Il ne fait pas bon être Maghrébin, avoir une trentaine d’années, les cheveux courts, être mal rasé et se balader dans les rues de Montreuil ! Soit un portrait des plus courants… Le 12 mars en fin d’après-midi, un homme a été retrouvé dans le quartier Bel-Air de Montreuil par des policiers. Il avait la tête en sang et des fractures à la mâchoire et au nez. Le pauvre bougre avait été passé à tabac par plusieurs dizaines de personnes croyant qu’il s’agissait du « violeur des stades ». En effet, de jeunes garçons étaient agressés sexuellement par un homme correspondant vaguement au signalement du pauvre homme mis en sang. Une photo du présumé coupable circulait même sur Internet et sur les téléphones portables comme l’a confié un policier : « Il fallait veiller à ce que Taguine (le nom du violeur interpellé depuis) ne se sache pas recherché sur Montreuil et calmer la population pour qu’un drame ne se produise pas ». Même son de cloche à la mairie : « On comprenait la peur des parents, on a vraiment essayé de protéger les enfants en sensibilisant le personnel qui travaille avec les scolaires, mais sans donner de nom ni diffuser de photo ». Selon les informations du Parisien, la photo du présumé coupable circulait dans un stade à Paris.
Résultat ? Un père de famille dont le fils était un copain d’un gamin violé, a vu rouge quand il a cru reconnaître à Montreuil le « violeur des stades ». Placé en garde à vue, il nie être à l’origine du lynchage mais la victime affirme que c’est ce dernier qui l’a d’abord agressé en lui tirant dessus. D’après la police, le père de famille l’aurait poursuivi et blessé de deux coups de feu puis plusieurs dizaines de personnes se sont acharnées sur le Maghrébin qui s’exprime mal en Français et qui ne réside pas en France. Coups de pied, coups de poing, insultes, les gens se sont déchaînés. La police, prévenue, est vite arrivée sur les lieux et un policier a déclaré : « si la patrouille était arrivée cinq minutes plus tard, les conséquences auraient pu être encore plus dramatiques ».

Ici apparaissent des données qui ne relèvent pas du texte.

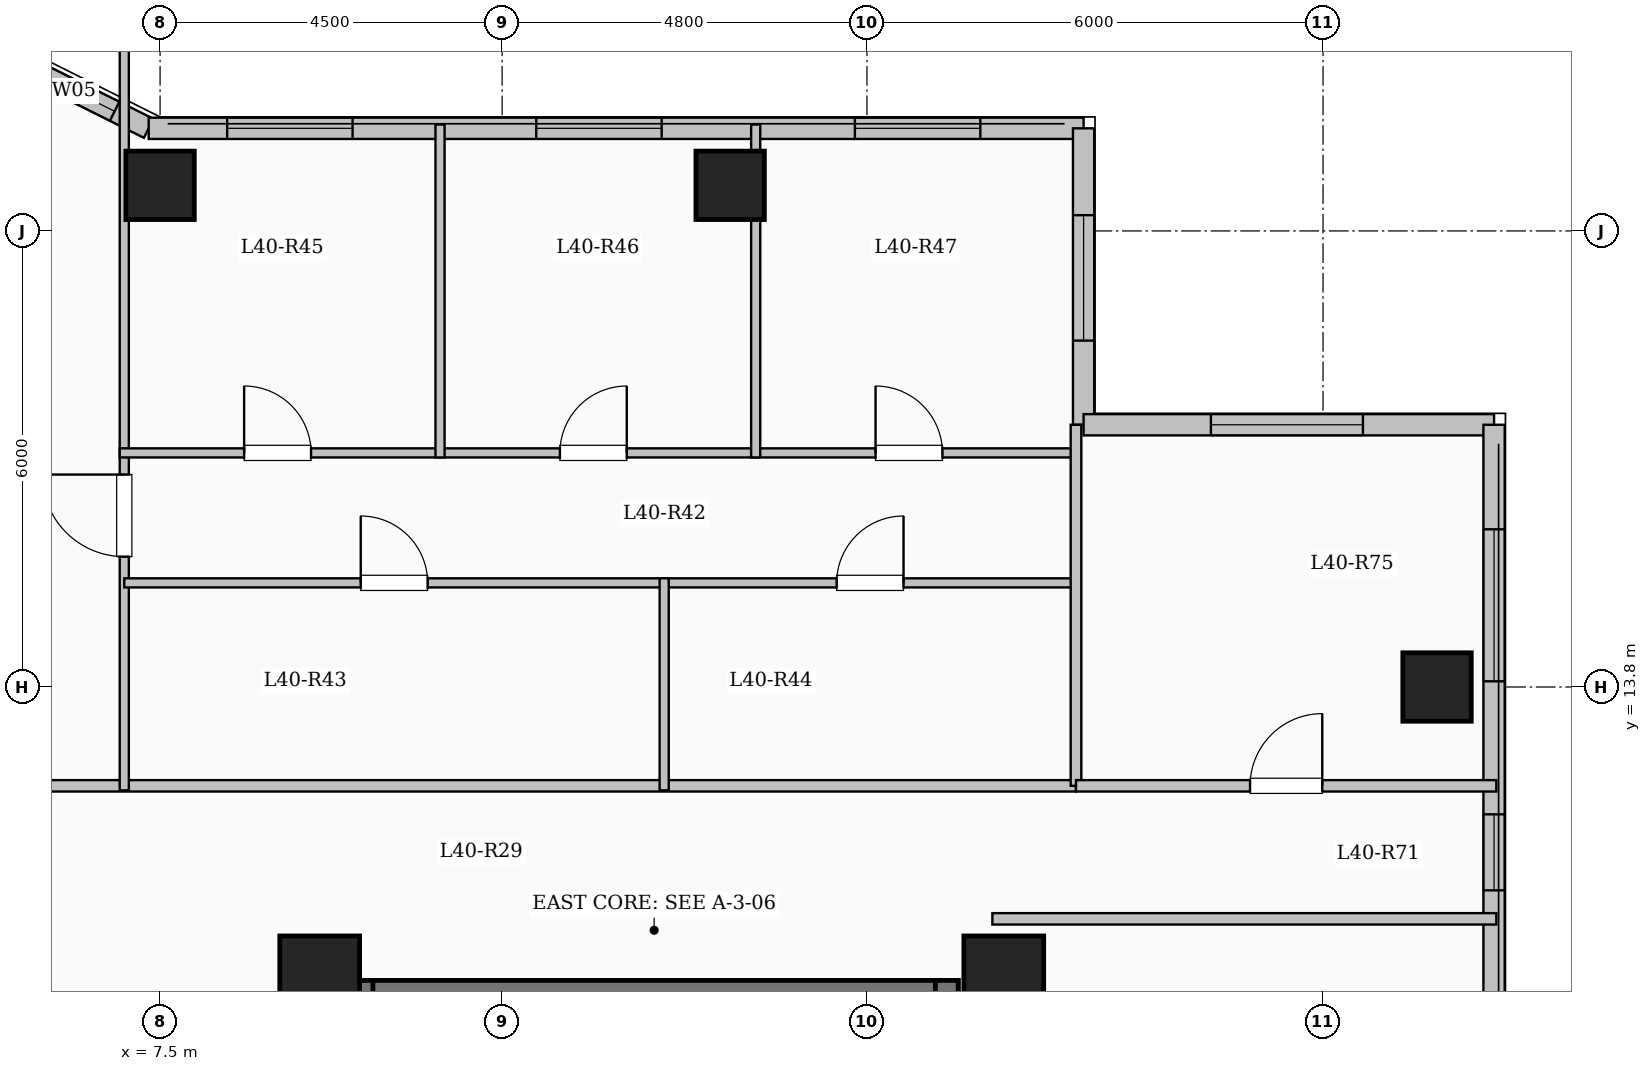
"""IFC4 building model, lengths in metres.
Left out: names, types, materials, properties, quantities, classifications, styles, units other than length and angle.
Written with IfcOpenShell. Run it as: python <this file> out.ifc"""

import sys

from ifc_helpers import new_model, si_unit, direction, frame, frame_2d, origin, origin_2d, place, context, subcontext, project, spatial, rectangle, extrude, element, fill, save


model = new_model("IFC4")
c1 = context("Model", 3, precision=1e-05, world=origin(), true_north=direction((0.0, 1.0)))
c2 = subcontext(c1, "Body", "Model", "MODEL_VIEW")
j1 = project(units=[si_unit("LENGTHUNIT", "METRE"), si_unit("PLANEANGLEUNIT", "RADIAN")], contexts=[c1])
p1 = place(None, origin())
s1 = spatial("IfcSite", under=j1, at=p1, CompositionType="ELEMENT")
p2 = place(p1, origin())
s2 = spatial("IfcBuilding", under=s1, at=p2, CompositionType="ELEMENT")
p3 = place(p2, frame((0.0, 0.0, 149.35)))
s3 = spatial("IfcBuildingStorey", under=s2, at=p3, CompositionType="ELEMENT", Elevation=149.35)
for number, where, z_axis, x_axis in (
    (1, (9.6, 10.0, 0.0), (0.0, 0.0, 1.0), (1.0, 0.0, 0.0)),
    (2, (18.6, 10.0, 0.0), (0.0, 0.0, 1.0), (1.0, 0.0, 0.0)),
):
    element("IfcColumn", number, at=place(p3, frame(where, z_axis=z_axis, x_axis=x_axis)), inside=s3, PredefinedType="COLUMN", context=c2, shape_type="SweptSolid", body=[
        extrude(rectangle(XDim=1.05, YDim=1.05, at=origin_2d()), origin(), (0.0, 0.0, 1.0), 3.35),
    ])
for number, where, z_axis, x_axis in (
    (3, (7.5, 20.4, 0.0), (0.0, 0.0, 1.0), (1.0, 0.0, 0.0)),
    (4, (15.0, 20.4, 0.0), (0.0, 0.0, 1.0), (1.0, 0.0, 0.0)),
    (5, (24.3, 13.8, 0.0), (0.0, 0.0, 1.0), (1.0, 0.0, 0.0)),
):
    element("IfcColumn", number, at=place(p3, frame(where, z_axis=z_axis, x_axis=x_axis)), inside=s3, PredefinedType="COLUMN", context=c2, shape_type="SweptSolid", body=[
        extrude(rectangle(XDim=0.9, YDim=0.9, at=origin_2d()), origin(), (0.0, 0.0, 1.0), 3.35),
    ])
p4 = place(p3, frame((4.35, 22.65, 0.0), z_axis=(0.0, 0.0, 1.0), x_axis=(0.894427191, -0.4472135955, 0.0)))
e6 = element("IfcWall", 6, at=p4, inside=s3, PredefinedType="SOLIDWALL", context=c2, shape_type="SweptSolid", body=[
    extrude(rectangle(XDim=3.354, YDim=0.28, at=frame_2d((1.677, 0.0))), origin(), (0.0, 0.0, 1.0), 3.1),
])
p5 = place(p4, frame((1.653, 0.0, 0.95)))
e7 = element("IfcOpeningElement", 7, at=p5, cuts=e6, PredefinedType="OPENING", context=c2, shape_type="SweptSolid", body=[
    extrude(rectangle(XDim=1.2, YDim=1.5, at=frame_2d((0.6, 0.75))), frame((0.0, 0.15, 0.0), z_axis=(0.0, -1.0, 0.0), x_axis=(1.0, 0.0, 0.0)), (0.0, 0.0, 1.0), 0.3),
])
p6 = place(p3, frame((7.35, 21.15, 0.0), z_axis=(0.0, 0.0, 1.0), x_axis=(1.0, 0.0, 0.0)))
e8 = element("IfcWall", 8, at=p6, inside=s3, PredefinedType="SOLIDWALL", context=c2, shape_type="SweptSolid", body=[
    extrude(rectangle(XDim=12.3, YDim=0.28, at=frame_2d((6.15, 0.0))), origin(), (0.0, 0.0, 1.0), 3.1),
])
p7 = place(p6, frame((1.033, 0.0, 0.9)))
e9 = element("IfcOpeningElement", 9, at=p7, cuts=e8, PredefinedType="OPENING", context=c2, shape_type="SweptSolid", body=[
    extrude(rectangle(XDim=1.65, YDim=1.6, at=frame_2d((0.825, 0.8))), frame((0.0, 0.15, 0.0), z_axis=(0.0, -1.0, 0.0), x_axis=(1.0, 0.0, 0.0)), (0.0, 0.0, 1.0), 0.3),
])
p8 = place(p6, frame((5.099, 0.0, 0.9)))
e10 = element("IfcOpeningElement", 10, at=p8, cuts=e8, PredefinedType="OPENING", context=c2, shape_type="SweptSolid", body=[
    extrude(rectangle(XDim=1.65, YDim=1.6, at=frame_2d((0.825, 0.8))), frame((0.0, 0.15, 0.0), z_axis=(0.0, -1.0, 0.0), x_axis=(1.0, 0.0, 0.0)), (0.0, 0.0, 1.0), 0.3),
])
p9 = place(p6, frame((9.291, 0.0, 0.9)))
e11 = element("IfcOpeningElement", 11, at=p9, cuts=e8, PredefinedType="OPENING", context=c2, shape_type="SweptSolid", body=[
    extrude(rectangle(XDim=1.65, YDim=1.6, at=frame_2d((0.825, 0.8))), frame((0.0, 0.15, 0.0), z_axis=(0.0, -1.0, 0.0), x_axis=(1.0, 0.0, 0.0)), (0.0, 0.0, 1.0), 0.3),
])
p10 = place(p3, frame((19.65, 21.15, 0.0), z_axis=(0.0, 0.0, 1.0), x_axis=(0.0, -1.0, 0.0)))
e12 = element("IfcWall", 12, at=p10, inside=s3, PredefinedType="SOLIDWALL", context=c2, shape_type="SweptSolid", body=[
    extrude(rectangle(XDim=3.9, YDim=0.28, at=frame_2d((1.95, 0.0))), origin(), (0.0, 0.0, 1.0), 3.1),
])
p11 = place(p10, frame((1.143, 0.0, 0.9)))
e13 = element("IfcOpeningElement", 13, at=p11, cuts=e12, PredefinedType="OPENING", context=c2, shape_type="SweptSolid", body=[
    extrude(rectangle(XDim=1.65, YDim=1.6, at=frame_2d((0.825, 0.8))), frame((0.0, 0.15, 0.0), z_axis=(0.0, -1.0, 0.0), x_axis=(1.0, 0.0, 0.0)), (0.0, 0.0, 1.0), 0.3),
])
p12 = place(p3, frame((19.65, 17.25, 0.0), z_axis=(0.0, 0.0, 1.0), x_axis=(1.0, 0.0, 0.0)))
e14 = element("IfcWall", 14, at=p12, inside=s3, PredefinedType="SOLIDWALL", context=c2, shape_type="SweptSolid", body=[
    extrude(rectangle(XDim=5.4, YDim=0.28, at=frame_2d((2.7, 0.0))), origin(), (0.0, 0.0, 1.0), 3.1),
])
p13 = place(p12, frame((1.675, 0.0, 0.9)))
e15 = element("IfcOpeningElement", 15, at=p13, cuts=e14, PredefinedType="OPENING", context=c2, shape_type="SweptSolid", body=[
    extrude(rectangle(XDim=2.0, YDim=1.7, at=frame_2d((1.0, 0.85))), frame((0.0, 0.15, 0.0), z_axis=(0.0, -1.0, 0.0), x_axis=(1.0, 0.0, 0.0)), (0.0, 0.0, 1.0), 0.3),
])
p14 = place(p3, frame((25.05, 17.25, 0.0), z_axis=(0.0, 0.0, 1.0), x_axis=(0.0, -1.0, 0.0)))
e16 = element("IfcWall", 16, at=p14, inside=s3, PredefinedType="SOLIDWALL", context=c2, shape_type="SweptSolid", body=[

Quant au vrai suspect, il se nomme Halim Taguine et était recherché par la sûreté départementale. Il a été interpellé une semaine plus tard, le 19 mars.
La victime est traumatisée et subit trente jours d’interruption temporaire de travail.
Cette triste histoire rend compte une fois de plus qu’en France il y a des lois et qu’on ne peut se faire justice soi-même. D’autre part… Comment une photo d’un présumé suspect peut-elle ainsi circuler librement ? Cette question est en elle-seule, très inquiétante tout comme l’attitude de ces dizaines de personnes s’acharnant sur un pauvre bougre sans défense…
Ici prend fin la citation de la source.